Other objects, features and advantages of the invention will be
readily apparent from the following description of preferred
embodiments thereof, taken in conjunction with the accompanying
drawings, although variations and modifications may be effected
without departing from the spirit and scope of the novel concepts
of the disclosure, and in which:
BRIEF DESCRIPTION OF THE DRAWINGS
FIG. 1 is a diagrammatic perspective view of a prior art ferrite
magnetic transducer head;
FIG. 2 is a plot of hardness measured on the Knoop scale as a
function of observed axis of a single crystal ferrite material;
FIG. 3A is a perspective view illustrating a slab of a single
crystal magnetic material showing a cut being made in the upper
surface by a cutter;
FIG. 3B is a plot of the ordinate values in millimicrons
representing a measure of roughness against values of .alpha.

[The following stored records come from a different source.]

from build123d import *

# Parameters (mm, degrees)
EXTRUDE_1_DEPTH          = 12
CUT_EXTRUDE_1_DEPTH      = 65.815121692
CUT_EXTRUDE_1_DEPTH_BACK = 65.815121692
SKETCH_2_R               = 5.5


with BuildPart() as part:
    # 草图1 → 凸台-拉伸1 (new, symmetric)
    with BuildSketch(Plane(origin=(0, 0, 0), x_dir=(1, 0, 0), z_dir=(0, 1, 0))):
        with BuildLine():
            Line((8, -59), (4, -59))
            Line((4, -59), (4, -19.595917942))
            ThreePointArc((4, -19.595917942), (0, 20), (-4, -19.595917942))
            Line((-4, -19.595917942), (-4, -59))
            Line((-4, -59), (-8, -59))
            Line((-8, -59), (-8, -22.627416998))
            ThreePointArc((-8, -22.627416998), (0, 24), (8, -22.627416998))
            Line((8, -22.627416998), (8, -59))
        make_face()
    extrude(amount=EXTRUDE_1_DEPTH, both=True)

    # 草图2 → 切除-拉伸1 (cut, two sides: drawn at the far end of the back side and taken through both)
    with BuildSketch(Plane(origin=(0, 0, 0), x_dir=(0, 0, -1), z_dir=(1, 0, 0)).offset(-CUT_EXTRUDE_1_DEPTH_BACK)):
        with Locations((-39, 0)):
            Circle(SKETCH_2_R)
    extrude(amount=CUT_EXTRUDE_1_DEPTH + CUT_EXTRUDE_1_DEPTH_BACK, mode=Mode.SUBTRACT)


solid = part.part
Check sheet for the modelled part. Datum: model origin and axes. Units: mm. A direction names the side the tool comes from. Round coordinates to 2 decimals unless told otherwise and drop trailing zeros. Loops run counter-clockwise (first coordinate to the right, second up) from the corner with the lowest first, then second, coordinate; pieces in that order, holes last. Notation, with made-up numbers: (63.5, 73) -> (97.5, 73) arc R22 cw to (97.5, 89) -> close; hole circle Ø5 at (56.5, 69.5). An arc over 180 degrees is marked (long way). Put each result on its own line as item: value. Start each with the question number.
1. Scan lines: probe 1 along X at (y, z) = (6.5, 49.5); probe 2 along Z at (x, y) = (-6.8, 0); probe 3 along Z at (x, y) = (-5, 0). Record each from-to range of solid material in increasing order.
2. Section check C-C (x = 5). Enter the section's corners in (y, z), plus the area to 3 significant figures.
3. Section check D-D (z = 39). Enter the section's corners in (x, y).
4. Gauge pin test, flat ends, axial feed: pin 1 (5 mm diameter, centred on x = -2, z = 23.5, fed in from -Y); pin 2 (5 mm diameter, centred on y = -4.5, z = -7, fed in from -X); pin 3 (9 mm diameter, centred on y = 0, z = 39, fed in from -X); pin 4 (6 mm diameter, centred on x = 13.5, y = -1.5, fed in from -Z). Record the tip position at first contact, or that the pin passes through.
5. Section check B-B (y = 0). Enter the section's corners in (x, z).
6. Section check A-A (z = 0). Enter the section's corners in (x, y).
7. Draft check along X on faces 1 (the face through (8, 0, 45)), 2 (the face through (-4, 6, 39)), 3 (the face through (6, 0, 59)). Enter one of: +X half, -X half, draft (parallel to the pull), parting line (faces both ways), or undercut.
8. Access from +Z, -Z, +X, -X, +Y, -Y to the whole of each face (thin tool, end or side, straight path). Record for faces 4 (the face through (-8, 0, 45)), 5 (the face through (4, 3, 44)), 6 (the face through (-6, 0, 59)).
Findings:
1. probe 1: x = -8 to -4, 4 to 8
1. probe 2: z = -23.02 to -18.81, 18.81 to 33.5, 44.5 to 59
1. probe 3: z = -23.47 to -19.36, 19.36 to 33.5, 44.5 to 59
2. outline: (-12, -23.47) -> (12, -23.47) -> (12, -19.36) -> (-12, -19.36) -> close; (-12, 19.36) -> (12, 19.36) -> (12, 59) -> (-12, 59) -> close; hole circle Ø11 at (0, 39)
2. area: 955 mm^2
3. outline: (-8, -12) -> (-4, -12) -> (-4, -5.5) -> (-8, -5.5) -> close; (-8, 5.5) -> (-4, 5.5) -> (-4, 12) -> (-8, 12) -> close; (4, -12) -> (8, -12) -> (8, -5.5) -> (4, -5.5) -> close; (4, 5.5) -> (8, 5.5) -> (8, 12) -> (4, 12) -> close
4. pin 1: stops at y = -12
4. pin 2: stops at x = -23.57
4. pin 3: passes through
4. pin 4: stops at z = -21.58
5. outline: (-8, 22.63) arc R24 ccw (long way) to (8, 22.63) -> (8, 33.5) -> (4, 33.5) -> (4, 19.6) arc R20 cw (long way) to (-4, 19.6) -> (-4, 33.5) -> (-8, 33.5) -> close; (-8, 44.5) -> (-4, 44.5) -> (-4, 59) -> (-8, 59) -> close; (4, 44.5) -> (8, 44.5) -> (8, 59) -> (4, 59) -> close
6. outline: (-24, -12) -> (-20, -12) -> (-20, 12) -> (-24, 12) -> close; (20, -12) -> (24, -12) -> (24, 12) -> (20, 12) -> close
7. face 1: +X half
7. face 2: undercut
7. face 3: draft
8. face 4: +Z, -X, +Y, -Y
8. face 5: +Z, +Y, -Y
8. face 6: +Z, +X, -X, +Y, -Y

plotted as abscissa which defines the angle of the inclined plane
relative to FIG. 3A;
FIG. 3C is a sectional view of the cutter;
FIG. 3D is a side view of the cutter;
FIGS. 4A and 4B represent side and top views of the magnetic head
according to this invention;
FIGS. 5A and 5B illustrate side and top views of a modified form of
the improved head of this invention;
FIGS. 6A and 6B illustrate side and top views of a further modified
head of the invention;
FIGS. 7A and 7B illustrate side and top views of further modified
form of the magnetic head of the invention;
FIGS. 8A, 8B, 8C and 8D illustrate steps in the method of forming
improved magnetic heads according to the invention;
FIGS. 9A and 9B are side and top views of a modified form of the
invention;
FIG. 9C is a top view of a further modified form of the
invention;
FIGS. 10A and 10B are side and top views respectively of a modified
form of the invention;
FIGS. 11A and 11B are side and top views of a further modified form
of the invention;
FIGS. 12A and 12B are respectively side and top views of a further
modified form of the invention;
FIGS. 13A and 13B illustrate respectively side and top views of a
further modified form of the invention; and
FIGS. 14A and 14B illustrate the side and top views of a still
further modified form of the invention.
DESCRIPTION OF THE PREFERRED EMBODIMENTS
Referring to FIG. 1, there is illustrated a prior art ferrite
magnetic head for a video tape recorder comprising a pair of half
cores 1A and 1B disposed so as to define therebetween the
transducing gap g disposed at the tape contacting surfaces 11 and
12.
In this type of magnetic head, at least one of the half cores such
as 1A has a winding receiving aperture 13 for receiving a
transducing winding receiving aperture such as 14. Winding 14 is
formed in a side face of core 1A as shown in FIG. 1. The winding
aperture 13 serves to define a depth dimension d of a gap g, said
depth dimension in the illustrated head representing the distance
between the plane of the tape contacting surface 11 and a surface
16 defining a top margin of the winding aperture 13.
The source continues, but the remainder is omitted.